Objective: To investigate the effects of IL-27 and its receptor (WSX-1) on the proliferation, transformation and collagen synthesis of mouse lung fibroblasts induced by TGF-β1.
Methods: The IL-27R/pCDNA3.1 overexpression vector was constructed. The experiment was divided into 6 groups: normal group, TGF-β1 group, IL-27 group, IL-27 receptor group, IL-27+IL-27 receptor group, TGF-β1+IL-27+IL-27 receptor group. body group. The growth of the cells was observed under a light microscope, and the effect of each treatment group on the proliferation of lung fibroblasts was detected by MTT. RT-PCR and Western blotting were used to detect the expression of myofibroblast marker a-SMA and collagen type I and III, and immunofluorescence was used to detect the localization and expression of a-SMA protein.

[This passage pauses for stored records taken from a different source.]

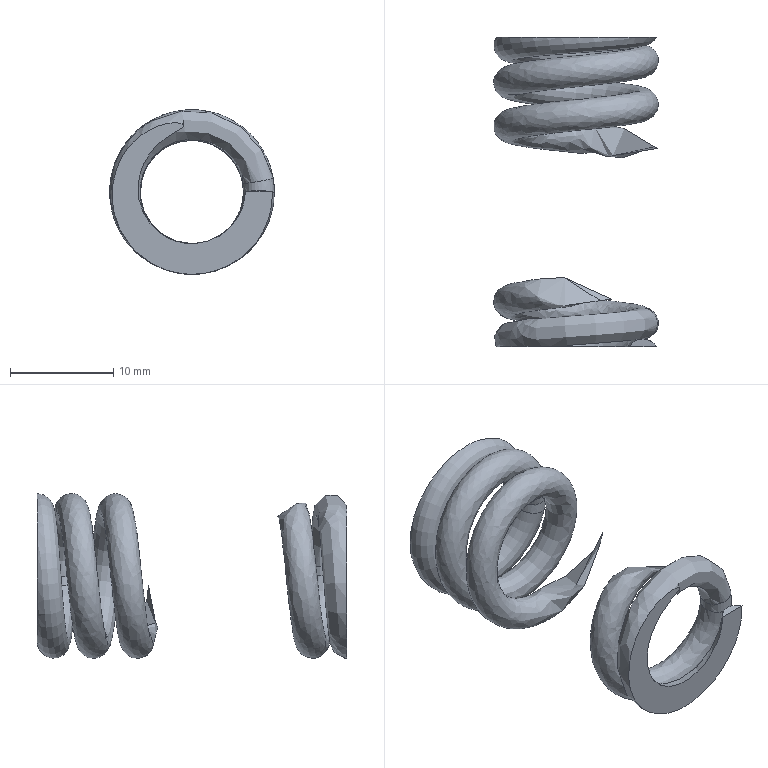Component | NX | SPRING | 1 solid | 9 faces | volume 2161 mm3 | spline 5 | plane 4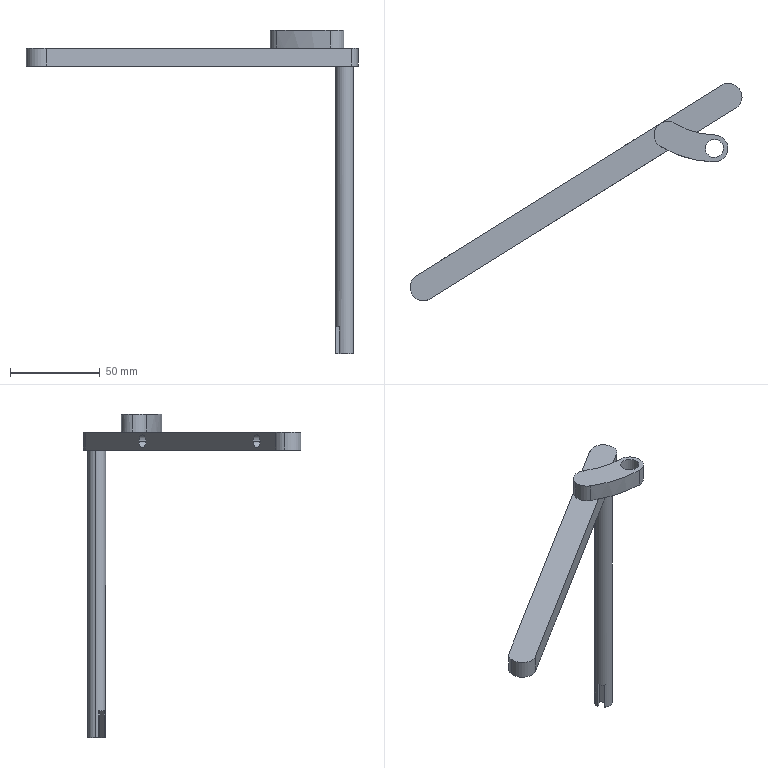Component | SolidWorks | DRocker(Left)-2 | 1 solid | 30 faces | box 184.66 x 120.91 x 180 mm | volume 48377 mm3 | cylinder 16 | plane 14 | commonest cylinder face diameters 15 x6 7 x4 10 x4 120 x1 90 x1
STEP:
#1=CARTESIAN_POINT('',(-10.505,0.6099,4.81));
#2=VERTEX_POINT('',#1);
#3=CARTESIAN_POINT('',(-10.738,0.464,4.81));
#4=VERTEX_POINT('',#3);
#5=CARTESIAN_POINT('',(-10.621,0.537,4.81));
#6=DIRECTION('',(-0.5295,0.8483,0.));
#7=DIRECTION('',(-0.8483,-0.5295,0.));
#8=AXIS2_PLACEMENT_3D('',#5,#6,#7);
#9=CIRCLE('',#8,0.1378);
#10=EDGE_CURVE('',#2,#4,#9,.T.);
#11=ORIENTED_EDGE('',*,*,#10,.F.);
#12=CARTESIAN_POINT('',(-10.713,0.9439,4.81));
#13=VERTEX_POINT('',#12);
#14=CARTESIAN_POINT('',(-10.505,0.6099,4.81));
#15=DIRECTION('',(-0.5295,0.8483,0.));
#16=VECTOR('',#15,39.37);
#17=LINE('',#14,#16);
#18=EDGE_CURVE('',#2,#13,#17,.T.);
#19=ORIENTED_EDGE('',*,*,#18,.T.);
#20=CARTESIAN_POINT('',(-10.947,0.798,4.81));
#21=VERTEX_POINT('',#20);
#22=CARTESIAN_POINT('',(-10.83,0.8709,4.81));
#23=DIRECTION('',(-0.5295,0.8483,0.));
#24=DIRECTION('',(-0.8483,-0.5295,0.));
#25=AXIS2_PLACEMENT_3D('',#22,#23,#24);
#26=CIRCLE('',#25,0.1378);
#27=EDGE_CURVE('',#13,#21,#26,.T.);
#28=ORIENTED_EDGE('',*,*,#27,.T.);
#29=CARTESIAN_POINT('',(-10.738,0.464,4.81));
#30=DIRECTION('',(-0.5295,0.8483,0.));
#31=VECTOR('',#30,39.37);
#32=LINE('',#29,#31);
#33=EDGE_CURVE('',#4,#21,#32,.T.);
#34=ORIENTED_EDGE('',*,*,#33,.F.);
#35=EDGE_LOOP('',(#11,#19,#28,#34));
#36=FACE_OUTER_BOUND('',#35,.T.);
#37=CARTESIAN_POINT('',(-10.621,0.537,4.81));
#38=DIRECTION('',(-0.5295,0.8483,0.));
#39=DIRECTION('',(-0.8483,-0.5295,0.));
#40=AXIS2_PLACEMENT_3D('',#37,#38,#39);
#41=CYLINDRICAL_SURFACE('',#40,0.1378);
#42=ADVANCED_FACE('',(#36),#41,.F.);
#43=CARTESIAN_POINT('',(-14.512,-1.892,4.81));
#44=VERTEX_POINT('',#43);
#45=CARTESIAN_POINT('',(-14.746,-2.038,4.81));
#46=VERTEX_POINT('',#45);
#47=CARTESIAN_POINT('',(-14.629,-1.965,4.81));
#48=DIRECTION('',(-0.5295,0.8483,0.));
#49=DIRECTION('',(-0.8483,-0.5295,0.));
#50=AXIS2_PLACEMENT_3D('',#47,#48,#49);
#51=CIRCLE('',#50,0.1378);
#52=EDGE_CURVE('',#44,#46,#51,.T.);
#53=ORIENTED_EDGE('',*,*,#52,.F.);
#54=CARTESIAN_POINT('',(-14.721,-1.558,4.81));
#55=VERTEX_POINT('',#54);
#56=CARTESIAN_POINT('',(-14.512,-1.892,4.81));
#57=DIRECTION('',(-0.5295,0.8483,0.));
#58=VECTOR('',#57,39.37);
#59=LINE('',#56,#58);
#60=EDGE_CURVE('',#44,#55,#59,.T.);
#61=ORIENTED_EDGE('',*,*,#60,.T.);
#62=CARTESIAN_POINT('',(-14.954,-1.704,4.81));
#63=VERTEX_POINT('',#62);
#64=CARTESIAN_POINT('',(-14.838,-1.631,4.81));
#65=DIRECTION('',(-0.5295,0.8483,0.));
#66=DIRECTION('',(-0.8483,-0.5295,0.));
#67=AXIS2_PLACEMENT_3D('',#64,#65,#66);
#68=CIRCLE('',#67,0.1378);
#69=EDGE_CURVE('',#55,#63,#68,.T.);
#70=ORIENTED_EDGE('',*,*,#69,.T.);
#71=CARTESIAN_POINT('',(-14.746,-2.038,4.81));
#72=DIRECTION('',(-0.5295,0.8483,0.));
#73=VECTOR('',#72,39.37);
#74=LINE('',#71,#73);
#75=EDGE_CURVE('',#46,#63,#74,.T.);
#76=ORIENTED_EDGE('',*,*,#75,.F.);
#77=EDGE_LOOP('',(#53,#61,#70,#76));
#78=FACE_OUTER_BOUND('',#77,.T.);
#79=CARTESIAN_POINT('',(-14.629,-1.965,4.81));
#80=DIRECTION('',(-0.5295,0.8483,0.));
#81=DIRECTION('',(-0.8483,-0.5295,0.));
#82=AXIS2_PLACEMENT_3D('',#79,#80,#81);
#83=CYLINDRICAL_SURFACE('',#82,0.1378);
#84=ADVANCED_FACE('',(#78),#83,.F.);
#85=CARTESIAN_POINT('',(-9.172,0.7751,5.401));
#86=VERTEX_POINT('',#85);
#87=CARTESIAN_POINT('',(-8.785,0.7031,5.401));
#88=VERTEX_POINT('',#87);
#89=CARTESIAN_POINT('',(-8.978,0.7391,5.401));
#90=DIRECTION('',(0.,0.,1.));
#91=DIRECTION('',(0.9831,-0.1829,0.));
#92=AXIS2_PLACEMENT_3D('',#89,#90,#91);
#93=CIRCLE('',#92,0.1969);
#94=EDGE_CURVE('',#86,#88,#93,.T.);
#95=ORIENTED_EDGE('',*,*,#94,.T.);
#96=CARTESIAN_POINT('',(-8.785,0.7031,5.007));
#97=VERTEX_POINT('',#96);
#98=CARTESIAN_POINT('',(-8.785,0.7031,5.401));
#99=DIRECTION('',(-0.,-0.,-1.));
#100=VECTOR('',#99,39.37);
#101=LINE('',#98,#100);
#102=EDGE_CURVE('',#88,#97,#101,.T.);
#103=ORIENTED_EDGE('',*,*,#102,.T.);
#104=CARTESIAN_POINT('',(-9.172,0.7751,5.007));
#105=VERTEX_POINT('',#104);
#106=CARTESIAN_POINT('',(-8.978,0.7391,5.007));
#107=DIRECTION('',(0.,0.,1.));
#108=DIRECTION('',(0.9831,-0.1829,0.));
#109=AXIS2_PLACEMENT_3D('',#106,#107,#108);
#110=CIRCLE('',#109,0.1969);
#111=EDGE_CURVE('',#105,#97,#110,.T.);
#112=ORIENTED_EDGE('',*,*,#111,.F.);
#113=CARTESIAN_POINT('',(-9.172,0.7751,5.401));
#114=DIRECTION('',(-0.,-0.,-1.));
#115=VECTOR('',#114,39.37);
#116=LINE('',#113,#115);
#117=EDGE_CURVE('',#86,#105,#116,.T.);
#118=ORIENTED_EDGE('',*,*,#117,.F.);
#119=EDGE_LOOP('',(#95,#103,#112,#118));
#120=FACE_OUTER_BOUND('',#119,.T.);
#121=CARTESIAN_POINT('',(-8.978,0.7391,5.401));
#122=DIRECTION('',(-0.,-0.,-1.));
#123=DIRECTION('',(-0.9831,0.1829,0.));
#124=AXIS2_PLACEMENT_3D('',#121,#122,#123);
#125=CYLINDRICAL_SURFACE('',#124,0.1969);
#126=ADVANCED_FACE('',(#120),#125,.F.);
#127=CARTESIAN_POINT('',(-10.296,1.091,5.401));
#128=VERTEX_POINT('',#127);
#129=CARTESIAN_POINT('',(-10.159,0.7848,5.401));
#130=VERTEX_POINT('',#129);
#131=CARTESIAN_POINT('',(-10.006,1.037,5.401));
#132=DIRECTION('',(0.,0.,1.));
#133=DIRECTION('',(0.9831,-0.1829,0.));
#134=AXIS2_PLACEMENT_3D('',#131,#132,#133);
#135=CIRCLE('',#134,0.2953);
#136=EDGE_CURVE('',#128,#130,#135,.T.);
#137=ORIENTED_EDGE('',*,*,#136,.F.);
#138=CARTESIAN_POINT('',(-10.296,1.091,5.007));
#139=VERTEX_POINT('',#138);
#140=CARTESIAN_POINT('',(-10.296,1.091,5.401));
#141=DIRECTION('',(-0.,-0.,-1.));
#142=VECTOR('',#141,39.37);
#143=LINE('',#140,#142);
#144=EDGE_CURVE('',#128,#139,#143,.T.);
#145=ORIENTED_EDGE('',*,*,#144,.T.);
#146=CARTESIAN_POINT('',(-10.159,0.7848,5.007));
#147=VERTEX_POINT('',#146);
#148=CARTESIAN_POINT('',(-10.006,1.037,5.007));
#149=DIRECTION('',(0.,0.,1.));
#150=DIRECTION('',(0.9831,-0.1829,0.));
#151=AXIS2_PLACEMENT_3D('',#148,#149,#150);
#152=CIRCLE('',#151,0.2953);
#153=EDGE_CURVE('',#139,#147,#152,.T.);
#154=ORIENTED_EDGE('',*,*,#153,.T.);
#155=CARTESIAN_POINT('',(-10.159,0.7848,5.401));
#156=DIRECTION('',(-0.,-0.,-1.));
#157=VECTOR('',#156,39.37);
#158=LINE('',#155,#157);
#159=EDGE_CURVE('',#130,#147,#158,.T.);
#160=ORIENTED_EDGE('',*,*,#159,.F.);
#161=EDGE_LOOP('',(#137,#145,#154,#160));
#162=FACE_OUTER_BOUND('',#161,.T.);
#163=CARTESIAN_POINT('',(-10.006,1.037,5.401));
#164=DIRECTION('',(-0.,-0.,-1.));
#165=DIRECTION('',(-0.9831,0.1829,0.));
#166=AXIS2_PLACEMENT_3D('',#163,#164,#165);
#167=CYLINDRICAL_SURFACE('',#166,0.2953);
#168=ADVANCED_FACE('',(#162),#167,.T.);
#169=CARTESIAN_POINT('',(-8.476,1.835,-1.686));
#170=VERTEX_POINT('',#169);
#171=CARTESIAN_POINT('',(-8.863,1.907,-1.686));
#172=VERTEX_POINT('',#171);
#173=CARTESIAN_POINT('',(-8.67,1.871,-1.686));
#174=DIRECTION('',(0.,0.,1.));
#175=DIRECTION('',(0.9831,-0.1829,0.));
#176=AXIS2_PLACEMENT_3D('',#173,#174,#175);
#177=CIRCLE('',#176,0.1969);
#178=EDGE_CURVE('',#170,#172,#177,.T.);
#179=ORIENTED_EDGE('',*,*,#178,.T.);
#180=CARTESIAN_POINT('',(-8.863,1.907,4.613));
#181=VERTEX_POINT('',#180);
#182=CARTESIAN_POINT('',(-8.863,1.907,-1.686));
#183=DIRECTION('',(0.,0.,1.));
#184=VECTOR('',#183,39.37);
#185=LINE('',#182,#184);
#186=EDGE_CURVE('',#172,#181,#185,.T.);
#187=ORIENTED_EDGE('',*,*,#186,.T.);
#188=CARTESIAN_POINT('',(-8.476,1.835,4.613));
#189=VERTEX_POINT('',#188);
#190=CARTESIAN_POINT('',(-8.67,1.871,4.613));
#191=DIRECTION('',(0.,0.,1.));
#192=DIRECTION('',(0.9831,-0.1829,0.));
#193=AXIS2_PLACEMENT_3D('',#190,#191,#192);
#194=CIRCLE('',#193,0.1969);
#195=EDGE_CURVE('',#189,#181,#194,.T.);
#196=ORIENTED_EDGE('',*,*,#195,.F.);
#197=CARTESIAN_POINT('',(-8.476,1.835,-1.686));
#198=DIRECTION('',(0.,0.,1.));
#199=VECTOR('',#198,39.37);
#200=LINE('',#197,#199);
#201=EDGE_CURVE('',#170,#189,#200,.T.);
#202=ORIENTED_EDGE('',*,*,#201,.F.);
#203=EDGE_LOOP('',(#179,#187,#196,#202));
#204=FACE_OUTER_BOUND('',#203,.T.);
#205=CARTESIAN_POINT('',(-8.67,1.871,-1.686));
#206=DIRECTION('',(0.,0.,1.));
#207=DIRECTION('',(0.9831,-0.1829,0.));
#208=AXIS2_PLACEMENT_3D('',#205,#206,#207);
#209=CYLINDRICAL_SURFACE('',#208,0.1969);
#210=ADVANCED_FACE('',(#204),#209,.T.);
#211=CARTESIAN_POINT('',(-15.639,-2.244,5.007));
#212=VERTEX_POINT('',#211);
#213=CARTESIAN_POINT('',(-15.193,-2.549,5.007));
#214=VERTEX_POINT('',#213);
#215=CARTESIAN_POINT('',(-15.349,-2.298,5.007));
#216=DIRECTION('',(0.,0.,1.));
#217=DIRECTION('',(0.9831,-0.1829,0.));
#218=AXIS2_PLACEMENT_3D('',#215,#216,#217);
#219=CIRCLE('',#218,0.2953);
#220=EDGE_CURVE('',#212,#214,#219,.T.);
#221=ORIENTED_EDGE('',*,*,#220,.F.);
#222=CARTESIAN_POINT('',(-15.639,-2.244,4.613));
#223=VERTEX_POINT('',#222);
#224=CARTESIAN_POINT('',(-15.639,-2.244,5.007));
#225=DIRECTION('',(-0.,-0.,-1.));
#226=VECTOR('',#225,39.37);
#227=LINE('',#224,#226);
#228=EDGE_CURVE('',#212,#223,#227,.T.);
#229=ORIENTED_EDGE('',*,*,#228,.T.);
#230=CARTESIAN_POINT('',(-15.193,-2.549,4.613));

Results: (1) Both IL-27 and IL-27R could inhibit the proliferation of lung fibroblasts; (2) TGF-β1 increased the expression of α-SMA in lung fibroblasts, and promoted the synthesis of collagen I and III in lung fibroblasts (3) IL-27 and its receptors can inhibit the expression of α-SMA in lung fibroblasts and reduce the synthesis of collagen I and III in lung fibroblasts; (4) When IL-27/IL-27R acts together , had no effect on the proliferation and transformation of lung fibroblasts.
Conclusion: IL-27 or IL-27 receptor can inhibit the proliferation, transformation and collagen synthesis of mouse pulmonary fibrotic cells induced by TGF-β1, but the coexistence of IL-27 and IL-27 receptor cannot. It exerts an inhibitory effect, which may be due to the fact that the neutralization of exogenous IL-27 and IL-27 receptor cannot activate cell-related signals.